David Beck


Follow on GitHub

5 Lessons Learnt From Choosing Zeromq And Protobuf

17 Sep 2015 by David Beck on [LinkedIn] / [Feed]
submit to reddit

We implemented a new distributed system from scratch. One of the goals was to make this extendible by adding new components easily in different programming languages. I was looking for a solution to pass serialized data between them without worrying too much about performance and cross language compatibility. This practically ruled out a few popular options at square one, like HTTP, Json, XML, Web Services. Fortunately there were quite some others:

Originally these options didn’t look like very different. All have efficient serialization. Handle data transport between components and cover many programming languages.

I liked ZeroMQ + Protobuf option better than the others because it sounded like well optimized transport with Publish-Subscribe built in.

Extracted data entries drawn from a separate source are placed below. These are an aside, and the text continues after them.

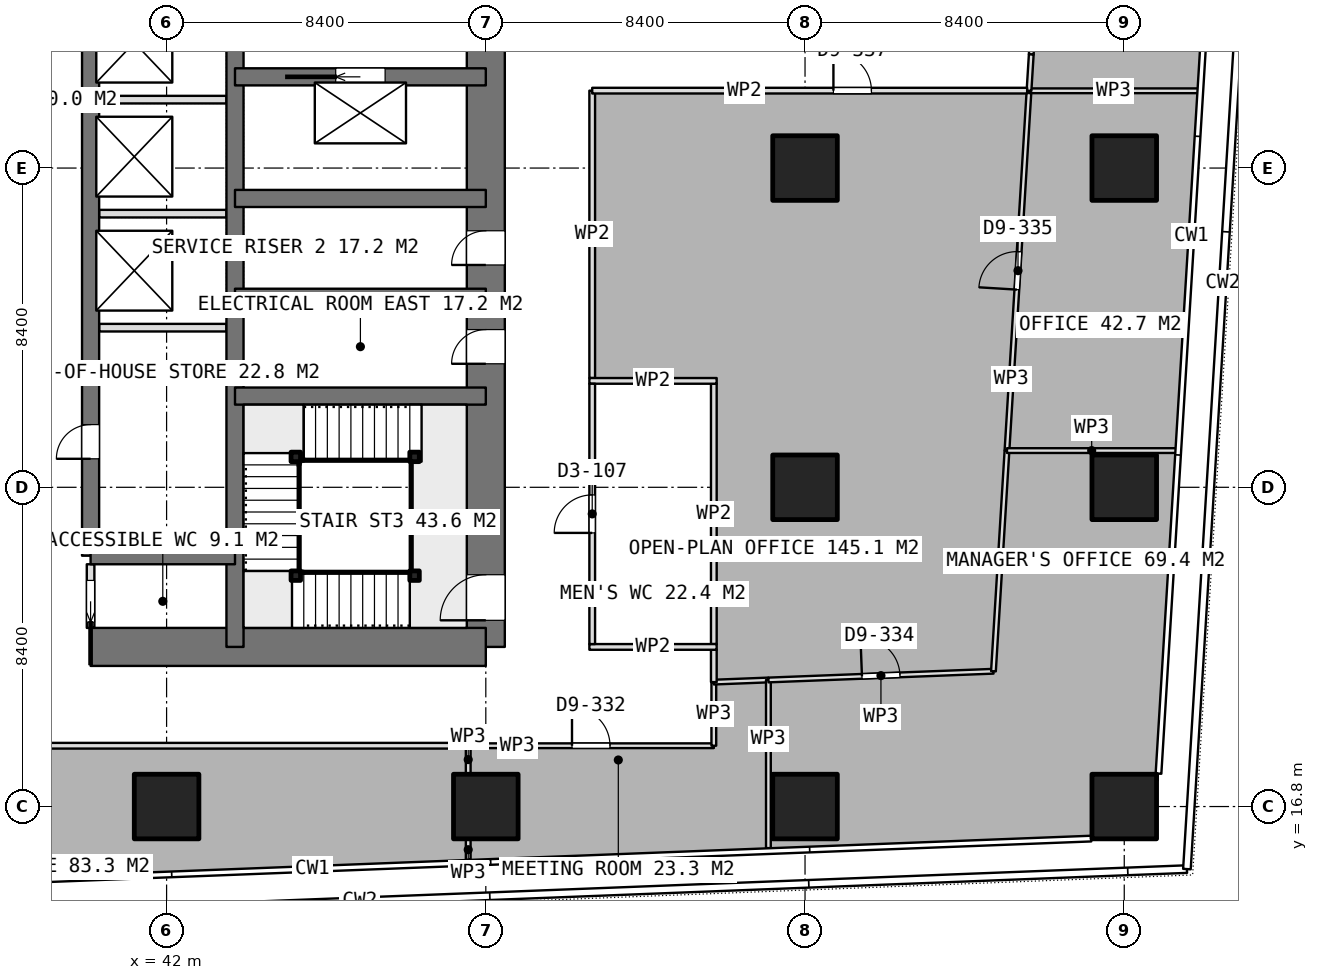
"""IFC4 building model, lengths in metres.
Left out: names, types, materials, properties, quantities, classifications, styles, units other than length and angle.
Written with IfcOpenShell. Run it as: python <this file> out.ifc"""

import sys

from ifc_helpers import new_model, si_unit, direction, frame, frame_2d, origin, origin_2d, place, context, subcontext, project, spatial, rectangle, extrude, element, fill, save


model = new_model("IFC4")
c1 = context("Model", 3, precision=1e-05, world=origin(), true_north=direction((0.0, 1.0)))
c2 = subcontext(c1, "Body", "Model", "MODEL_VIEW")
j1 = project(units=[si_unit("LENGTHUNIT", "METRE"), si_unit("PLANEANGLEUNIT", "RADIAN")], contexts=[c1])
p1 = place(None, origin())
s1 = spatial("IfcSite", under=j1, at=p1, CompositionType="ELEMENT")
p2 = place(p1, origin())
s2 = spatial("IfcBuilding", under=s1, at=p2, CompositionType="ELEMENT")
p3 = place(p2, frame((0.0, 0.0, 102.8)))
s3 = spatial("IfcBuildingStorey", under=s2, at=p3, CompositionType="ELEMENT", Elevation=102.8)
p4 = place(p3, frame((40.0, 21.0, 0.0), z_axis=(0.0, 0.0, 1.0), x_axis=(1.0, 0.0, 0.0)))
e1 = element("IfcWall", 1, at=p4, inside=s3, PredefinedType="SHEAR", context=c2, shape_type="SweptSolid", body=[
    extrude(rectangle(XDim=10.4, YDim=1.0, at=frame_2d((5.2, 0.0))), origin(), (0.0, 0.0, 1.0), 3.75),
])
p5 = place(p3, frame((50.4, 21.0, 0.0), z_axis=(0.0, 0.0, 1.0), x_axis=(0.0, 1.0, 0.0)))
e2 = element("IfcWall", 2, at=p5, inside=s3, PredefinedType="SHEAR", context=c2, shape_type="SweptSolid", body=[
    extrude(rectangle(XDim=25.2, YDim=1.0, at=frame_2d((12.6, 0.0))), origin(), (0.0, 0.0, 1.0), 3.75),
])
p6 = place(p5, frame((16.2, 0.0, 0.0)))
e3 = element("IfcOpeningElement", 3, at=p6, cuts=e2, PredefinedType="OPENING", context=c2, shape_type="SweptSolid", body=[
    extrude(rectangle(XDim=1.2, YDim=2.1, at=frame_2d((0.6, 1.05))), frame((0.0, 0.51, 0.0), z_axis=(0.0, -1.0, 0.0), x_axis=(1.0, 0.0, 0.0)), (0.0, 0.0, 1.0), 1.02),
])
p7 = place(p5, frame((10.05, 0.0, 0.0)))
e4 = element("IfcOpeningElement", 4, at=p7, cuts=e2, PredefinedType="OPENING", context=c2, shape_type="SweptSolid", body=[
    extrude(rectangle(XDim=0.9, YDim=2.1, at=frame_2d((0.45, 1.05))), frame((0.0, 0.51, 0.0), z_axis=(0.0, -1.0, 0.0), x_axis=(1.0, 0.0, 0.0)), (0.0, 0.0, 1.0), 1.02),
])
p8 = place(p5, frame((7.45, 0.0, 0.0)))
e5 = element("IfcOpeningElement", 5, at=p8, cuts=e2, PredefinedType="OPENING", context=c2, shape_type="SweptSolid", body=[
    extrude(rectangle(XDim=0.9, YDim=2.1, at=frame_2d((0.45, 1.05))), frame((0.0, 0.51, 0.0), z_axis=(0.0, -1.0, 0.0), x_axis=(1.0, 0.0, 0.0)), (0.0, 0.0, 1.0), 1.02),
])
p9 = place(p5, frame((0.7, 0.0, 0.0)))
e6 = element("IfcOpeningElement", 6, at=p9, cuts=e2, PredefinedType="OPENING", context=c2, shape_type="SweptSolid", body=[
    extrude(rectangle(XDim=1.2, YDim=2.1, at=frame_2d((0.6, 1.05))), frame((0.0, 0.51, 0.0), z_axis=(0.0, -1.0, 0.0), x_axis=(1.0, 0.0, 0.0)), (0.0, 0.0, 1.0), 1.02),
])
p10 = place(p3, frame((43.8, 21.0, 0.0), z_axis=(0.0, 0.0, 1.0), x_axis=(0.0, 1.0, 0.0)))
e7 = element("IfcWall", 7, at=p10, inside=s3, PredefinedType="SHEAR", context=c2, shape_type="SweptSolid", body=[
    extrude(rectangle(XDim=25.2, YDim=0.45, at=frame_2d((12.6, 0.0))), origin(), (0.0, 0.0, 1.0), 3.75),
])
p11 = place(p3, frame((40.0, 23.4, 0.0), z_axis=(0.0, 0.0, 1.0), x_axis=(0.0, 1.0, 0.0)))
e8 = element("IfcWall", 8, at=p11, inside=s3, PredefinedType="SHEAR", context=c2, shape_type="SweptSolid", body=[
    extrude(rectangle(XDim=18.0, YDim=0.45, at=frame_2d((9.0, 0.0))), origin(), (0.0, 0.0, 1.0), 3.75),
])
p12 = place(p11, frame((2.55, 0.0, 0.0)))
e9 = element("IfcOpeningElement", 9, at=p12, cuts=e8, PredefinedType="OPENING", context=c2, shape_type="SweptSolid", body=[
    extrude(rectangle(XDim=0.9, YDim=2.1, at=frame_2d((0.45, 1.05))), frame((0.0, 0.235, 0.0), z_axis=(0.0, -1.0, 0.0), x_axis=(1.0, 0.0, 0.0)), (0.0, 0.0, 1.0), 0.47),
])
p13 = place(p3, frame((40.0, 23.4, 0.0), z_axis=(0.0, 0.0, 1.0), x_axis=(1.0, 0.0, 0.0)))
e10 = element("IfcWall", 10, at=p13, inside=s3, PredefinedType="SHEAR", context=c2, shape_type="SweptSolid", body=[
    extrude(rectangle(XDim=3.8, YDim=0.45, at=frame_2d((1.9, 0.0))), origin(), (0.0, 0.0, 1.0), 3.75),
])
for number, where, z_axis, x_axis in (
    (11, (43.8, 27.6, 0.0), (0.0, 0.0, 1.0), (1.0, 0.0, 0.0)),
    (12, (43.8, 30.2, 0.0), (0.0, 0.0, 1.0), (1.0, 0.0, 0.0)),
    (13, (43.8, 32.8, 0.0), (0.0, 0.0, 1.0), (1.0, 0.0, 0.0)),
):
    element("IfcWall", number, at=place(p3, frame(where, z_axis=z_axis, x_axis=x_axis)), inside=s3, PredefinedType="SHEAR", context=c2, shape_type="SweptSolid", body=[
        extrude(rectangle(XDim=6.6, YDim=0.45, at=frame_2d((3.3, 0.0))), origin(), (0.0, 0.0, 1.0), 3.75),
    ])
p14 = place(p3, frame((43.8, 36.0, 0.0), z_axis=(0.0, 0.0, 1.0), x_axis=(1.0, 0.0, 0.0)))
e14 = element("IfcWall", 14, at=p14, inside=s3, PredefinedType="SHEAR", context=c2, shape_type="SweptSolid", body=[
    extrude(rectangle(XDim=6.6, YDim=0.45, at=frame_2d((3.3, 0.0))), origin(), (0.0, 0.0, 1.0), 3.75),
])
p15 = place(p14, frame((2.65, 0.0, 0.0)))
e15 = element("IfcOpeningElement", 15, at=p15, cuts=e14, PredefinedType="OPENING", context=c2, shape_type="SweptSolid", body=[
    extrude(rectangle(XDim=1.3, YDim=2.1, at=frame_2d((0.65, 1.05))), frame((0.0, 0.235, 0.0), z_axis=(0.0, -1.0, 0.0), x_axis=(1.0, 0.0, 0.0)), (0.0, 0.0, 1.0), 0.47),
])
for number, where, z_axis, x_axis in (
    (16, (42.0, 16.8, 0.0), (0.0, 0.0, 1.0), (1.0, 0.0, 0.0)),
    (17, (50.4, 16.8, 0.0), (0.0, 0.0, 1.0), (1.0, 0.0, 0.0)),
    (18, (58.8, 16.8, 0.0), (0.0, 0.0, 1.0), (1.0, 0.0, 0.0)),
    (19, (58.8, 25.2, 0.0), (0.0, 0.0, 1.0), (1.0, 0.0, 0.0)),
    (20, (58.8, 33.6, 0.0), (0.0, 0.0, 1.0), (1.0, 0.0, 0.0)),
    (21, (67.2, 16.8, 0.0), (0.0, 0.0, 1.0), (1.0, 0.0, 0.0)),
    (22, (67.2, 25.2, 0.0), (0.0, 0.0, 1.0), (1.0, 0.0, 0.0)),
    (23, (67.2, 33.6, 0.0), (0.0, 0.0, 1.0), (1.0, 0.0, 0.0)),
):
    element("IfcColumn", number, at=place(p3, frame(where, z_axis=z_axis, x_axis=x_axis)), inside=s3, PredefinedType="COLUMN", context=c2, shape_type="SweptSolid", body=[
        extrude(rectangle(XDim=1.7, YDim=1.7, at=origin_2d()), origin(), (0.0, 0.0, 1.0), 3.75),
    ])
for number, where, z_axis, x_axis in (
    (24, (40.225, 29.4, 0.0), (0.0, 0.0, 1.0), (1.0, 0.0, 0.0)),
    (25, (40.225, 32.4, 0.0), (0.0, 0.0, 1.0), (1.0, 0.0, 0.0)),
    (26, (40.225, 35.4, 0.0), (0.0, 0.0, 1.0), (1.0, 0.0, 0.0)),
):
    element("IfcWall", number, at=place(p3, frame(where, z_axis=z_axis, x_axis=x_axis)), inside=s3, PredefinedType="PARTITIONING", context=c2, shape_type="SweptSolid", body=[
        extrude(rectangle(XDim=3.35, YDim=0.2, at=frame_2d((1.675, 0.0))), origin(), (0.0, 0.0, 1.0), 3.5),
    ])
p16 = place(p3, frame((40.0, 21.5, 0.0), z_axis=(0.0, 0.0, 1.0), x_axis=(0.0, 1.0, 0.0)))
e27 = element("IfcWall", 27, at=p16, inside=s3, PredefinedType="PARTITIONING", context=c2, shape_type="SweptSolid", body=[
    extrude(rectangle(XDim=1.675, YDim=0.2, at=frame_2d((0.837, 0.0))), origin(), (0.0, 0.0, 1.0), 3.5),
])
p17 = place(p16, frame((0.15, 0.0, 0.0)))
e28 = element("IfcOpeningElement", 28, at=p17, cuts=e27, PredefinedType="OPENING", context=c2, shape_type="SweptSolid", body=[
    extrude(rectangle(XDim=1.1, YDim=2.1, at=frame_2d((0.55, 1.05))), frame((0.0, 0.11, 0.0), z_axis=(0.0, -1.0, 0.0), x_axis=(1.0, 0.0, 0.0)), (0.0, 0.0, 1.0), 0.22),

This topic is about a few of our experiences that we earnt the hard way.

1. ZeroMQ Request Reply

If I were creating the ZeroMQ docs I would start with “Don’t use REQ-REP because there is very little chance that it does what you need”. What I found instead is that it starts describing REQ-REP as a showcase of how easy it is to use ZeroMQ.

The issue with REQ-REP is that it allows one request to be served in parallel and due to the fact that it requires to send a reply for every request it is very fragile.

Example: I have a third party service that I want to wrap in a ZeroMQ interface. I am receiving ZeroMQ requests that I translate into a native request to this third party service. If this external service becomes slow or stops responding than it becomes very inconvenient to handle this on the ZeroMQ side.

Advice: use REQ-ROUTER sockets all the time because REP sockets are pretty useless for any real world application.

2. ZeroMQ Portability

When I read the docs I was happy to see that ZeroMQ has many language bindings so this is pretty portable. In other places I read that it is secure thanks to the developments introduced in 4.x and upwards. What people forgot to mention is that these two don’t happen at the same time.

Even if there is a security model in 4.x, it is not available in many language bindings that I was interested in. These are niche languages that very few people use like Java that has no support for 4.x. Other less common choices like Erlang, Elixir are also unavailable if you want security.

3. Protocol Buffers Performance

I trusted protobuf quite a lot at the beginning of the project even to the point when we ran into a performance issue I was rather looking at very unlikely places than protobuf. When I analyzed the issue further it slowly became clear that protobuf has a few weaknesses. Memory allocation is the biggest.

In our case we passed values in arrays. It turned out that passing string arrays is hopelessly slow and passing numeric types in arrays is about twice as slow as it could be. The reason is memory allocation. Protobuf allocates a string object for each string item it receives in the array. A typical message in our system has 25.000 strings or numerics in the array we pass.

I chose to write a deserializer for this one message type that reuses the tag bytes as zero terminator between the elements in the string array. For the numeric types I preallocated a large enough buffer in one step to place my items into that. Ther result is 20x faster for strings and twice as fast for numeric types.

Advice: look at flatbuffers

4. Protocol Buffers Size Constraints

The default message size limit is 64MB for protocol buffers. This can be changed. In our case, for every single programming language that we want to support. Not very convenient.

5. Protocol Buffers Enums

One often advertised feature of protobuf is that it is easy to be extended by new messages. We created a wrapper message with an enum to tell what kind of optional message follows. This allowed us to occasionally add new message types into the outer wrapper. We realized afterwards that different language bindings have different tolerance for this approach.

Hint: C++ and Javascript differs significantly.